The Polish government has drafted an act that proposes major changes concerning the organization and composition of the Council. On this blog, these changes have been discussed and were convincingly identified as constitutionally questionable. The Draft Act also met with opposition from constitutional lawyers Polish judges and the MEDEL Association.
While we are in no position to assess the constitutionality of the Draft Act, we would like to examine the Draft Act in the light of European standards for Councils for the Judiciary.
The reform and European standards for Councils for the Judiciary
The introduction for Councils for the Judiciary has been recommended by the Council of Europe (at paras. 26-29), the Consultative Council of European Judges and the Venice Commission (at paras. 28-32). Councils for the Judiciary are supposed to safeguard the independence of the judiciary by selecting candidates for vacant judicial posts. Where such Councils have been installed, they can only fulfill this role if they meet certain standards.

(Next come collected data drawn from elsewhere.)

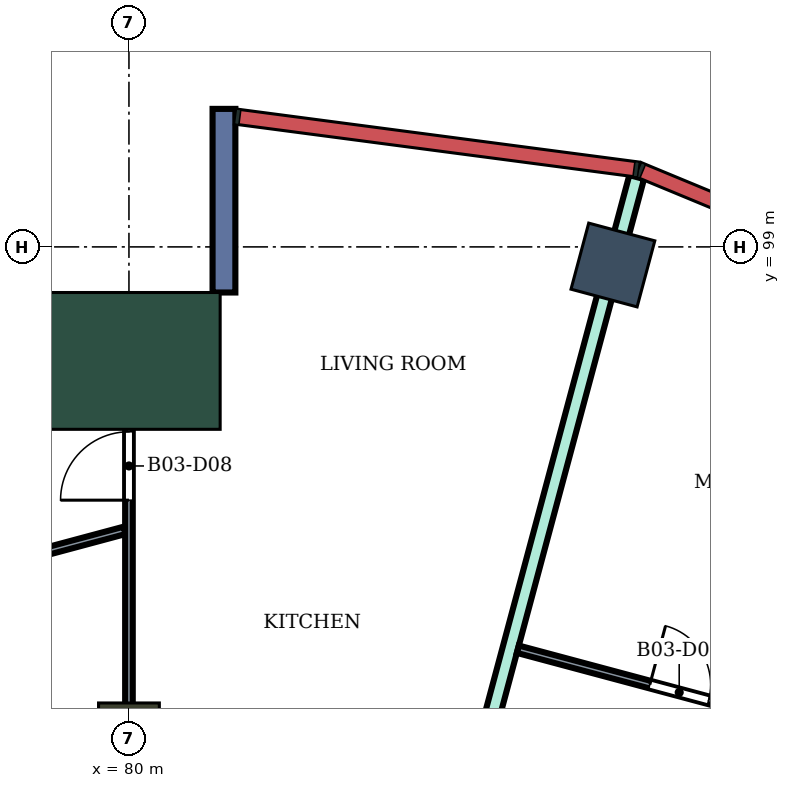
"""IFC4 building model, lengths in metres.
Left out: names, types, materials, properties, quantities, classifications, styles, units other than length and angle.
Written with IfcOpenShell. Run it as: python <this file> out.ifc"""

import sys

from ifc_helpers import new_model, si_unit, direction, frame, frame_2d, origin, origin_2d, place, context, subcontext, project, spatial, rectangle, extrude, element, fill, save


model = new_model("IFC4")
c1 = context("Model", 3, precision=1e-05, world=origin(), true_north=direction((0.0, 1.0)))
c2 = subcontext(c1, "Body", "Model", "MODEL_VIEW")
j1 = project(units=[si_unit("LENGTHUNIT", "METRE"), si_unit("PLANEANGLEUNIT", "RADIAN")], contexts=[c1])
p1 = place(None, origin())
s1 = spatial("IfcSite", under=j1, at=p1, CompositionType="ELEMENT")
p2 = place(p1, origin())
s2 = spatial("IfcBuilding", under=s1, at=p2, CompositionType="ELEMENT")
p3 = place(p2, frame((0.0, 0.0, 245.7)))
s3 = spatial("IfcBuildingStorey", under=s2, at=p3, CompositionType="ELEMENT", Elevation=245.7)
p4 = place(p3, frame((86.367, 98.762, 0.0), z_axis=(0.0, 0.0, 1.0), x_axis=(0.258819045103, 0.965925826289, 0.0)))
e1 = element("IfcColumn", 1, at=p4, inside=s3, PredefinedType="COLUMN", context=c2, shape_type="SweptSolid", body=[
    extrude(rectangle(XDim=0.9, YDim=0.9, at=origin_2d()), origin(), (0.0, 0.0, 1.0), 4.2),
])
p5 = place(p3, frame((80.0, 92.6, 0.0), z_axis=(0.0, 0.0, 1.0), x_axis=(0.0, 1.0, 0.0)))
e2 = element("IfcColumn", 2, at=p5, inside=s3, PredefinedType="COLUMN", context=c2, shape_type="SweptSolid", body=[
    extrude(rectangle(XDim=0.8, YDim=0.8, at=origin_2d()), origin(), (0.0, 0.0, 1.0), 4.2),
])
p6 = place(p3, frame((80.0, 97.5, 0.0), z_axis=(0.0, 0.0, 1.0), x_axis=(0.0, 1.0, 0.0)))
e3 = element("IfcColumn", 3, at=p6, inside=s3, PredefinedType="COLUMN", context=c2, shape_type="SweptSolid", body=[
    extrude(rectangle(XDim=1.8, YDim=2.4, at=origin_2d()), origin(), (0.0, 0.0, 1.0), 4.2),
])
p7 = place(p3, frame((81.25, 98.4, 0.0), z_axis=(0.0, 0.0, 1.0), x_axis=(0.0, 1.0, 0.0)))
e4 = element("IfcWall", 4, at=p7, inside=s3, PredefinedType="NOTDEFINED", context=c2, shape_type="SweptSolid", body=[
    extrude(rectangle(XDim=2.416, YDim=0.3, at=frame_2d((1.208, 0.0))), origin(), (0.0, 0.0, 1.0), 4.2),
])
p8 = place(p3, frame((83.335, 87.456, 0.0), z_axis=(0.0, 0.0, 1.0), x_axis=(0.259184958139, 0.965827705895, 0.0)))
e5 = element("IfcWall", 5, at=p8, inside=s3, PredefinedType="PARTITIONING", context=c2, shape_type="SweptSolid", body=[
    extrude(rectangle(XDim=12.904, YDim=0.2, at=frame_2d((6.452, 0.0))), origin(), (0.0, 0.0, 1.0), 3.75),
])
p9 = place(p3, frame((75.035, 93.955, 0.0), z_axis=(0.0, 0.0, 1.0), x_axis=(0.965868648254, 0.259032342228, 0.0)))
e6 = element("IfcWall", 6, at=p9, inside=s3, PredefinedType="PARTITIONING", context=c2, shape_type="SweptSolid", body=[
    extrude(rectangle(XDim=5.08, YDim=0.1, at=frame_2d((2.54, 0.0))), origin(), (0.0, 0.0, 1.0), 3.75),
])
p10 = place(p3, frame((80.0, 88.246, 0.0), z_axis=(0.0, 0.0, 1.0), x_axis=(0.0, 1.0, 0.0)))
e7 = element("IfcWall", 7, at=p10, inside=s3, PredefinedType="PARTITIONING", context=c2, shape_type="SweptSolid", body=[
    extrude(rectangle(XDim=9.954, YDim=0.1, at=frame_2d((4.977, 0.0))), origin(), (0.0, 0.0, 1.0), 3.75),
])
p11 = place(p10, frame((7.422, 0.0, 0.0)))
e8 = element("IfcOpeningElement", 8, at=p11, cuts=e7, PredefinedType="OPENING", context=c2, shape_type="SweptSolid", body=[
    extrude(rectangle(XDim=0.9, YDim=2.1, at=frame_2d((0.45, 1.05))), frame((0.0, 0.06, 0.0), z_axis=(0.0, -1.0, 0.0), x_axis=(1.0, 0.0, 0.0)), (0.0, 0.0, 1.0), 0.12),
])
p12 = place(p10, frame((3.12, 0.0, 0.0)))
e9 = element("IfcOpeningElement", 9, at=p12, cuts=e7, PredefinedType="OPENING", context=c2, shape_type="SweptSolid", body=[
    extrude(rectangle(XDim=0.8, YDim=2.1, at=frame_2d((0.4, 1.05))), frame((0.0, 0.06, 0.0), z_axis=(0.0, -1.0, 0.0), x_axis=(1.0, 0.0, 0.0)), (0.0, 0.0, 1.0), 0.12),
])
p13 = place(p3, frame((85.116, 93.707, 0.0), z_axis=(0.0, 0.0, 1.0), x_axis=(0.965979414561, -0.258618968068, 0.0)))
e10 = element("IfcWall", 10, at=p13, inside=s3, PredefinedType="PARTITIONING", context=c2, shape_type="SweptSolid", body=[
    extrude(rectangle(XDim=5.036, YDim=0.1, at=frame_2d((2.518, 0.0))), origin(), (0.0, 0.0, 1.0), 3.75),
])
p14 = place(p13, frame((1.798, 0.0, 0.0)))
e11 = element("IfcOpeningElement", 11, at=p14, cuts=e10, PredefinedType="OPENING", context=c2, shape_type="SweptSolid", body=[
    extrude(rectangle(XDim=0.8, YDim=2.1, at=frame_2d((0.4, 1.05))), frame((0.0, 0.06, 0.0), z_axis=(0.0, -1.0, 0.0), x_axis=(1.0, 0.0, 0.0)), (0.0, 0.0, 1.0), 0.12),
])
p15 = place(p3, frame((86.671, 86.554, 0.0), z_axis=(0.0, 0.0, 1.0), x_axis=(0.500104188531, 0.865965242151, 0.0)))
e12 = element("IfcWall", 12, at=p15, inside=s3, PredefinedType="PARTITIONING", context=c2, shape_type="SweptSolid", body=[
    extrude(rectangle(XDim=12.456, YDim=0.1, at=frame_2d((6.228, 0.0))), origin(), (0.0, 0.0, 1.0), 3.75),
])
p16 = place(p15, frame((9.111, 0.0, 0.0)))
e13 = element("IfcOpeningElement", 13, at=p16, cuts=e12, PredefinedType="OPENING", context=c2, shape_type="SweptSolid", body=[
    extrude(rectangle(XDim=0.9, YDim=2.1, at=frame_2d((0.45, 1.05))), frame((0.0, 0.06, 0.0), z_axis=(0.0, -1.0, 0.0), x_axis=(1.0, 0.0, 0.0)), (0.0, 0.0, 1.0), 0.12),
])
p17 = place(p14, origin())
e14 = element("IfcDoor", 14, at=p17, inside=s3, OperationType="SINGLE_SWING_LEFT", PredefinedType="DOOR", context=c2, shape_type="SweptSolid", body=[
    extrude(rectangle(XDim=0.8, YDim=2.1, at=frame_2d((0.4, 1.05))), frame((0.0, 0.025, 0.0), z_axis=(0.0, -1.0, 0.0), x_axis=(1.0, 0.0, 0.0)), (0.0, 0.0, 1.0), 0.05),
])
fill(e11, e14)
p18 = place(p11, origin())
e15 = element("IfcDoor", 15, at=p18, inside=s3, OperationType="SINGLE_SWING_LEFT", PredefinedType="DOOR", context=c2, shape_type="SweptSolid", body=[
    extrude(rectangle(XDim=0.9, YDim=2.1, at=frame_2d((0.45, 1.05))), frame((0.0, 0.025, 0.0), z_axis=(0.0, -1.0, 0.0), x_axis=(1.0, 0.0, 0.0)), (0.0, 0.0, 1.0), 0.05),
])
fill(e8, e15)
save(model, sys.argv[1])

To begin with, a Council for the Judiciary should either exclusively or by a substantial majority be composed of judges selected by their peers. This aims at preventing any manipulation or undue pressure from political parties. While Article 187 of the Polish Constitution fixes a substantial majority of judges on the Council (17 out of 25), the newly introduced two-section-system considerably enhances the influence of non-judicial members: no judge can be appointed who is not also backed by the political appointees of the Council.
According to European standards, judicial members of a Council should be selected by their peers or, for a limited number of members, ex officio. In general, the selection should guarantee a wide representation of the judiciary at all levels. The interference of political authorities or judicial hierarchies should be avoided. Impartiality and independence of its members and of the Council itself must be the guiding principles. Since a prospective member of the Council must be supported by a substantial number of Sejm deputies or its Presidium, the Draft Act leaves the selection of members of the Council to the Sejm. Also, there are no criteria to be applied for the selection of judicial candidates. It will be up to the Speaker of the Sejm to choose any candidate he/she deems appropriate. Further, nothing provides for an adequate representation of all levels of the judiciary.
So far, the proposed amendments raise serious doubts as to their compliance with European standards for Councils for the Judiciary. It is possible that the amendments might entail negative effects on the separation of powers and the independence of the judiciary, as they might lead to a decisive influence of politicians over the selection of judges.
These worries are supported by comments of Polish government officials: When the reform of the Constitutional Tribunal was on its way, the Venice Commission (at paras 115-119) was confronted with the theory that judges appointed while the opposition party was in power were “opposition judges”. Similar comments made by Jarosław Kaczyński strengthen the perception that the government sees judges as “belonging” to the party that appointed them.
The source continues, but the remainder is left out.